Movie 4: Micrograph Movie comparing Experimental Lysis Data and a Webslinger simulation with 233% prestrain.

5

Movie 5: Micrograph Movie comparing Experimental Lysis Data and a Webslinger simulation with 100% prestrain.

6

Movie 6: Micrograph Movie comparing Experimental Lysis Data and a Webslinger simulation with 43% prestrain.

7

Movie 7: Micrograph Movie comparing Experimental Lysis Data and a Webslinger simulation with 25% prestrain.

8

Movie 8: Micrograph Movie comparing Experimental Lysis Data and a Webslinger simulation with 0% prestrain.

9

Movie 9: Micrograph Movie with a side-by-side comparison of a dense network (right) and a sparse network (left). The networks are the same representative networks shown in the main text in figure 5. The lower density network is at 0.06 fibers/micron² and the higher density network is at 0.17 fibers/micron².
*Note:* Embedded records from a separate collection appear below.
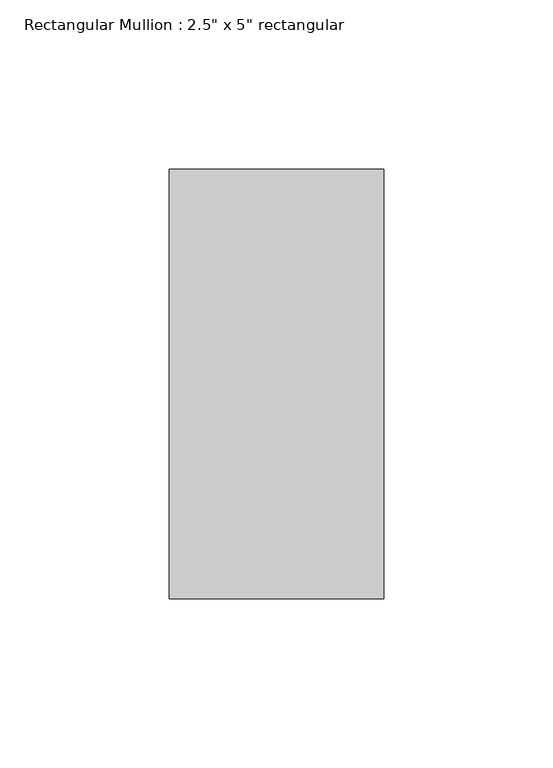
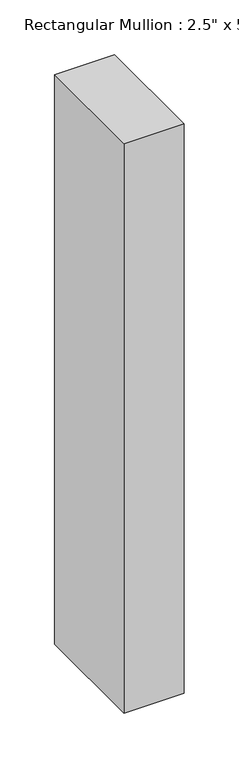
"""IFC4 building model written with IfcOpenShell, lengths in millimetres: member geometry."""

from ifc_helpers import new_model, si_unit, frame, origin, place, context, project, spatial, polyline, outline, extrude, source, transform, mapped, element, save


def member_5e365d0c(model_context):
    return source(origin(), model_context, "Body", "SweptSolid", [
        extrude(outline(polyline([(0.0, 63.5), (0.0, -63.5), (-63.5, -63.5), (-63.5, 63.5), (0.0, 63.5)])), frame((0.0, 0.0, -635.0), z_axis=(0.0, 0.0, 1.0), x_axis=(1.0, 0.0, 0.0)), (0.0, 0.0, 1.0), 635.0),
    ])


if __name__ == "__main__":
    model = new_model("IFC4")
    model_context = context("Model", 3, world=origin())
    ifc_project = project(units=[si_unit("LENGTHUNIT", "METRE", prefix="MILLI")], contexts=[model_context])
    site = spatial("IfcSite", under=ifc_project)
    building = spatial("IfcBuilding", under=site)
    placement = place(None, origin())
    member_shape = member_5e365d0c(model_context)
    element("IfcMember", 1, ObjectType="Rectangular Mullion : 2.5\" x 5\" rectangular", at=placement, inside=building, context=model_context, shape_type="MappedRepresentation", body=[
        mapped(member_shape, transform((0.0, 0.0, 0.0), x_axis=(1.0, 0.0, 0.0), y_axis=(0.0, 1.0, 0.0), z_axis=(0.0, 0.0, 1.0))),
    ])
    save(model, "model.ifc")

# Revit data of these elements
# Type "Rectangular Mullion : 2.5\" x 5\" rectangular"
#   built-in parameter 1007304 = 0.416667 (stored number, unit not read)
#   built-in parameter 1007301 = 0.104167 (stored number, unit not read)
#   built-in parameter 1007300 = 0.104167 (stored number, unit not read)
# Element 1 (IfcMember, "Rectangular Mullion : 2.5\" x 5\" rectangular")
#   Materials on its faces: "Aluminum"
# Materials
#   "Aluminum": class "Metal", colour RGB 247 247 247, transparency 0, Description = "Aluminum 6061", Cost = 0
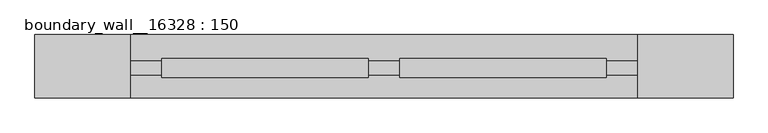
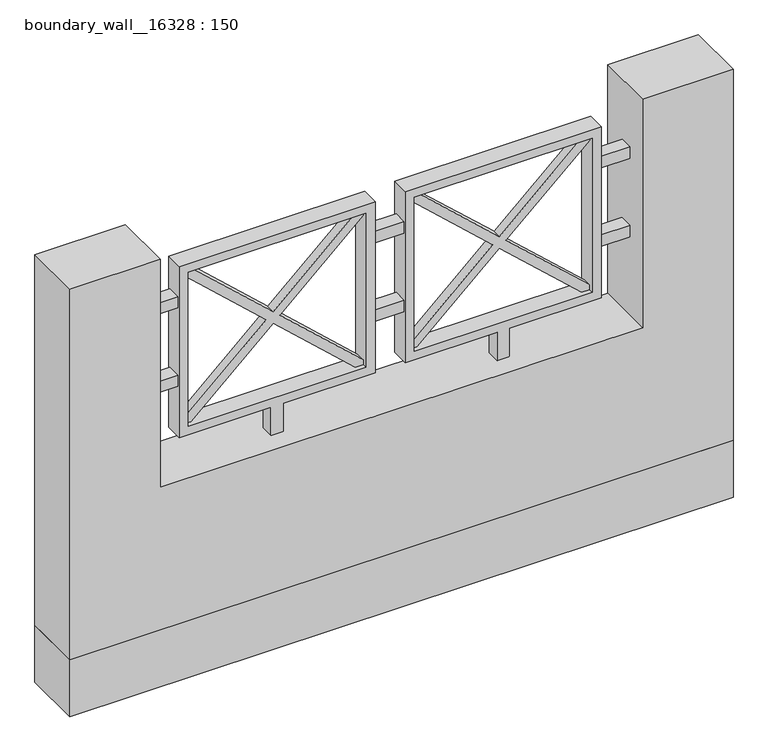
"""IFC4 building model written with IfcOpenShell, lengths in millimetres: proxy geometry, boundary_wall__16328 : 150."""

from ifc_helpers import new_model, si_unit, frame, origin, place, context, project, spatial, polyline, outline, extrude, faceted_brep, source, transform, mapped, element, save


def boundary_wall_16328_150_79515850(model_context):
    return source(origin(), model_context, "Body", "SolidModel", [
        extrude(outline(polyline([(0.0, -1100.0), (0.0, 1100.0), (1300.0, 1100.0), (1300.0, 800.0), (500.0, 800.0), (500.0, -800.0), (1300.0, -800.0), (1300.0, -1100.0), (0.0, -1100.0)])), frame((0.0, -100.0, 0.0), z_axis=(0.0, 1.0, 0.0), x_axis=(0.0, 0.0, 1.0)), (0.0, 0.0, 1.0), 200.0),
        faceted_brep([(-80.0, 10.0, 1168.1481481), (-81.6949153, 10.0, 1170.0), (-81.6949153, -20.0, 1170.0), (-80.0, -20.0, 1168.1481481), (-80.0, 10.0, 1154.08051), (-80.0, -20.0, 1154.08051), (-357.2806727, -20.0, 900.2981993), (-357.2806727, 10.0, 900.2981993), (-652.6064831, -20.0, 630.0), (-652.6064831, 10.0, 630.0), (-379.497686, 10.0, 879.9639838), (-379.497686, -20.0, 879.9639838), (-107.0405097, -20.0, 1170.0), (-379.497686, -20.0, 920.6324149), (-651.9548623, -20.0, 1170.0), (-670.0, -20.0, 1170.0), (-670.0, -20.0, 1145.8474576), (-401.7146993, -20.0, 900.2981993), (-670.0, -20.0, 654.7489411), (-670.0, -20.0, 630.0), (-106.3888889, -20.0, 630.0), (-80.0, -20.0, 630.0), (-80.0, -20.0, 646.5158887), (-107.0405097, 10.0, 1170.0), (-379.497686, 10.0, 920.6324149), (-670.0, 10.0, 654.7489411), (-401.7146993, 10.0, 900.2981993), (-80.0, 10.0, 646.5158887), (-80.0, 10.0, 630.0), (-106.3888889, 10.0, 630.0), (-670.0, 10.0, 630.0), (-670.0, 10.0, 1145.8474576), (-670.0, 10.0, 1170.0), (-651.9548623, 10.0, 1170.0), (-80.0, -35.0, 630.0), (-80.0, -35.0, 1170.0), (-80.0, 25.0, 1170.0), (-80.0, 25.0, 630.0), (-50.0, -35.0, 600.0), (-50.0, 25.0, 600.0), (-50.0, 25.0, 1200.0), (-50.0, -35.0, 1200.0), (-50.0, -27.5, 1050.0), (-50.0, -27.5, 1090.0), (-50.0, 17.5, 1090.0), (-50.0, 17.5, 1050.0), (-50.0, -27.5, 775.0), (-50.0, -27.5, 815.0), (-50.0, 17.5, 815.0), (-50.0, 17.5, 775.0), (-670.0, -35.0, 1170.0), (-670.0, 25.0, 1170.0), (-700.0, 25.0, 1200.0), (-700.0, -35.0, 1200.0), (-670.0, -35.0, 630.0), (-670.0, 25.0, 630.0), (-700.0, 25.0, 600.0), (-700.0, -35.0, 600.0), (-700.0, -27.5, 1090.0), (-700.0, -27.5, 1050.0), (-700.0, 17.5, 1050.0), (-700.0, 17.5, 1090.0), (-700.0, -27.5, 815.0), (-700.0, -27.5, 775.0), (-700.0, 17.5, 775.0), (-700.0, 17.5, 815.0), (-355.0, -35.0, 600.0), (-355.0, 10.0, 600.0), (-395.0, 10.0, 600.0), (-395.0, -35.0, 600.0), (-395.0, -35.0, 500.0), (-355.0, -35.0, 500.0), (-800.0, -27.5, 1090.0), (-800.0, -27.5, 1050.0), (-800.0, 17.5, 1050.0), (-800.0, 17.5, 1090.0), (-800.0, -27.5, 815.0), (-800.0, -27.5, 775.0), (-800.0, 17.5, 775.0), (-800.0, 17.5, 815.0), (-355.0, 10.0, 500.0), (-395.0, 10.0, 500.0), (670.0, -35.0, 630.0), (670.0, -35.0, 1170.0), (670.0, 25.0, 1170.0), (670.0, 25.0, 630.0), (670.0, 10.0, 630.0), (670.0, 10.0, 646.9396175), (670.0, -20.0, 646.9396175), (670.0, -20.0, 630.0), (670.0, 10.0, 1168.1481481), (670.0, -20.0, 1168.1481481), (670.0, -20.0, 1154.08051), (670.0, 10.0, 1154.08051), (700.0, -35.0, 600.0), (700.0, 25.0, 600.0), (700.0, 25.0, 1200.0), (700.0, -35.0, 1200.0), (700.0, -27.5, 1050.0), (700.0, -27.5, 1090.0), (700.0, 17.5, 1090.0), (700.0, 17.5, 1050.0), (700.0, -27.5, 775.0), (700.0, -27.5, 815.0), (700.0, 17.5, 815.0), (700.0, 17.5, 775.0), (80.0, -35.0, 1170.0), (80.0, -20.0, 1170.0), (98.5081006, -20.0, 1170.0), (98.5081006, 10.0, 1170.0), (80.0, 10.0, 1170.0), (80.0, 25.0, 1170.0), (668.3050847, -20.0, 1170.0), (668.3050847, 10.0, 1170.0), (642.9594903, 10.0, 1170.0), (642.9594903, -20.0, 1170.0), (50.0, 25.0, 1200.0), (50.0, -35.0, 1200.0), (80.0, -35.0, 630.0), (80.0, -20.0, 630.0), (80.0, -20.0, 654.7489411), (80.0, 10.0, 654.7489411), (80.0, 10.0, 630.0), (80.0, 25.0, 630.0), (80.0, 10.0, 1146.2711864), (80.0, -20.0, 1146.2711864), (50.0, 25.0, 600.0), (50.0, -35.0, 600.0), (50.0, -27.5, 1090.0), (50.0, -27.5, 1050.0), (50.0, 17.5, 1050.0), (50.0, 17.5, 1090.0), (50.0, -27.5, 815.0), (50.0, -27.5, 775.0), (50.0, 17.5, 775.0), (50.0, 17.5, 815.0), (644.0740741, -20.0, 630.0), (644.0740741, 10.0, 630.0), (97.3935169, 10.0, 630.0), (97.3935169, -20.0, 630.0), (395.0, -35.0, 600.0), (395.0, 10.0, 600.0), (355.0, 10.0, 600.0), (355.0, -35.0, 600.0), (355.0, -35.0, 500.0), (395.0, -35.0, 500.0), (392.9508088, -20.0, 900.5100637), (392.9508088, 10.0, 900.5100637), (370.7337955, 10.0, 880.1758482), (370.7337955, -20.0, 880.1758482), (370.7337955, -20.0, 920.8442793), (348.5167822, -20.0, 900.5100637), (370.7337955, 10.0, 920.8442793), (348.5167822, 10.0, 900.5100637), (395.0, 10.0, 500.0), (355.0, 10.0, 500.0), (800.0, -27.5, 1090.0), (800.0, -27.5, 1050.0), (800.0, 17.5, 1090.0), (800.0, 17.5, 1050.0), (800.0, -27.5, 815.0), (800.0, -27.5, 775.0), (800.0, 17.5, 815.0), (800.0, 17.5, 775.0)], [[[0, 1, 2, 3]], [[4, 5, 6, 7]], [[8, 9, 10, 11]], [[3, 2, 12, 13, 14, 15, 16, 17, 18, 19, 8, 11, 20, 21, 22, 6, 5]], [[12, 23, 24, 13]], [[25, 18, 17, 26]], [[1, 0, 4, 7, 27, 28, 29, 10, 9, 30, 25, 26, 31, 32, 33, 24, 23]], [[34, 35, 36, 37, 28, 27, 22, 21], [0, 3, 5, 4]], [[38, 39, 40, 41], [42, 43, 44, 45], [46, 47, 48, 49]], [[36, 35, 50, 15, 14, 33, 32, 51], [2, 1, 23, 12]], [[41, 40, 52, 53]], [[50, 54, 19, 18, 25, 30, 55, 51, 32, 31, 16, 15]], [[53, 52, 56, 57], [58, 59, 60, 61], [62, 63, 64, 65]], [[54, 34, 21, 20, 29, 28, 37, 55, 30, 9, 8, 19]], [[40, 39, 56, 52], [37, 36, 51, 55]], [[39, 38, 66, 67, 68, 69, 57, 56]], [[38, 41, 53, 57, 69, 70, 71, 66], [35, 34, 54, 50]], [[58, 72, 73, 59]], [[60, 74, 75, 61]], [[72, 58, 61, 75]], [[73, 72, 75, 74]], [[59, 73, 74, 60]], [[62, 76, 77, 63]], [[64, 78, 79, 65]], [[76, 62, 65, 79]], [[77, 76, 79, 78]], [[63, 77, 78, 64]], [[80, 81, 68, 67]], [[66, 71, 80, 67]], [[70, 69, 68, 81]], [[71, 70, 81, 80]], [[82, 83, 84, 85, 86, 87, 88, 89], [90, 91, 92, 93]], [[94, 95, 96, 97], [98, 99, 100, 101], [102, 103, 104, 105]], [[84, 83, 106, 107, 108, 109, 110, 111], [112, 113, 114, 115]], [[97, 96, 116, 117]], [[106, 118, 119, 120, 121, 122, 123, 111, 110, 124, 125, 107]], [[117, 116, 126, 127], [128, 129, 130, 131], [132, 133, 134, 135]], [[118, 82, 89, 136, 137, 86, 85, 123, 122, 138, 139, 119]], [[96, 95, 126, 116], [85, 84, 111, 123]], [[95, 94, 140, 141, 142, 143, 127, 126]], [[94, 97, 117, 127, 143, 144, 145, 140], [83, 82, 118, 106]], [[90, 113, 112, 91]], [[93, 92, 146, 147]], [[139, 138, 148, 149]], [[91, 112, 115, 150, 108, 107, 125, 151, 120, 119, 139, 149, 136, 89, 88, 146, 92]], [[115, 114, 152, 150]], [[121, 120, 151, 153]], [[113, 90, 93, 147, 87, 86, 137, 148, 138, 122, 121, 153, 124, 110, 109, 152, 114]], [[154, 155, 142, 141]], [[140, 145, 154, 141]], [[144, 143, 142, 155]], [[145, 144, 155, 154]], [[156, 99, 98, 157]], [[158, 159, 101, 100]], [[99, 156, 158, 100]], [[157, 98, 101, 159]], [[156, 157, 159, 158]], [[160, 103, 102, 161]], [[162, 163, 105, 104]], [[103, 160, 162, 104]], [[161, 102, 105, 163]], [[160, 161, 163, 162]], [[128, 43, 42, 129]], [[130, 45, 44, 131]], [[43, 128, 131, 44]], [[129, 42, 45, 130]], [[132, 47, 46, 133]], [[134, 49, 48, 135]], [[47, 132, 135, 48]], [[133, 46, 49, 134]], [[27, 7, 6, 22]], [[24, 33, 14, 13]], [[17, 16, 31, 26]], [[20, 11, 10, 29]], [[148, 137, 136, 149]], [[124, 153, 151, 125]], [[87, 147, 146, 88]], [[152, 109, 108, 150]]]),
        extrude(outline(polyline([(1100.0, -100.0), (-1100.0, -100.0), (-1100.0, 100.0), (1100.0, 100.0), (1100.0, -100.0)])), frame((0.0, 0.0, -200.0), z_axis=(0.0, 0.0, 1.0), x_axis=(1.0, 0.0, 0.0)), (0.0, 0.0, 1.0), 200.0),
    ])


if __name__ == "__main__":
    model = new_model("IFC4")
    model_context = context("Model", 3, world=origin())
    ifc_project = project(units=[si_unit("LENGTHUNIT", "METRE", prefix="MILLI")], contexts=[model_context])
    site = spatial("IfcSite", under=ifc_project)
    building = spatial("IfcBuilding", under=site)
    placement = place(None, origin())
    boundary_wall_16328_150_shape = boundary_wall_16328_150_79515850(model_context)
    element("IfcBuildingElementProxy", 1, Name="boundary_wall__16328 : 150", ObjectType="boundary_wall__16328 : 150", at=placement, inside=building, context=model_context, shape_type="MappedRepresentation", body=[
        mapped(boundary_wall_16328_150_shape, transform((0.0, 0.0, 0.0), x_axis=(1.0, 0.0, 0.0), y_axis=(0.0, 1.0, 0.0), z_axis=(0.0, 0.0, 1.0))),
    ])
    save(model, "model.ifc")

# Revit data of these elements
# Type "boundary_wall__16328 : 150"
#   Wight Hand 2 = 0' - 11.81102"
#   Wight Hand 1 = 0' - 11.81102"
#   Void Wight = 5' - 2.99213"
#   Top.High = 2' - 7.49606"
#   F.base = 0' - 3.93701"
#   F.Wight 2 = 2' - 1.59055"
#   F.Wight 1 = 2' - 1.59055"
#   F.R = 0' - 3.93701"
#   F.L = 0' - 3.93701"
#   F.High = 1' - 11.62205"
#   Bace.High = 1' - 7.68504"
#   Default Elevation = 0
# Element 1 (IfcBuildingElementProxy, "boundary_wall__16328 : 150")
#   Materials on its faces: "Metal"
# Materials
#   "Metal": class "Generic", colour RGB 65 64 62, transparency 0, Cost = 0

Statement of Significance.

Fibrin fibers serve as the main structural element of blood clots. They polymerize under tension and have remarkable extensibility and elasticity. After the cessation of wound healing, fibrin must be cleared from the vasculature by the enzyme plasmin in order to resume normal blood flow: a process called fibrinolysis. In this study we investigate the mechanisms that regulate the clearance of individual fibrin fibers during fibrinolysis. We show that the inherent tension in fibers enhances the action of plasmin because every fiber cleavage event results in a redistribution of the network tension. This network re-equilibration causes fibers to buckle, bundle, and even collapse, leading to a more rapid fiber clearance than plasmin alone could provide.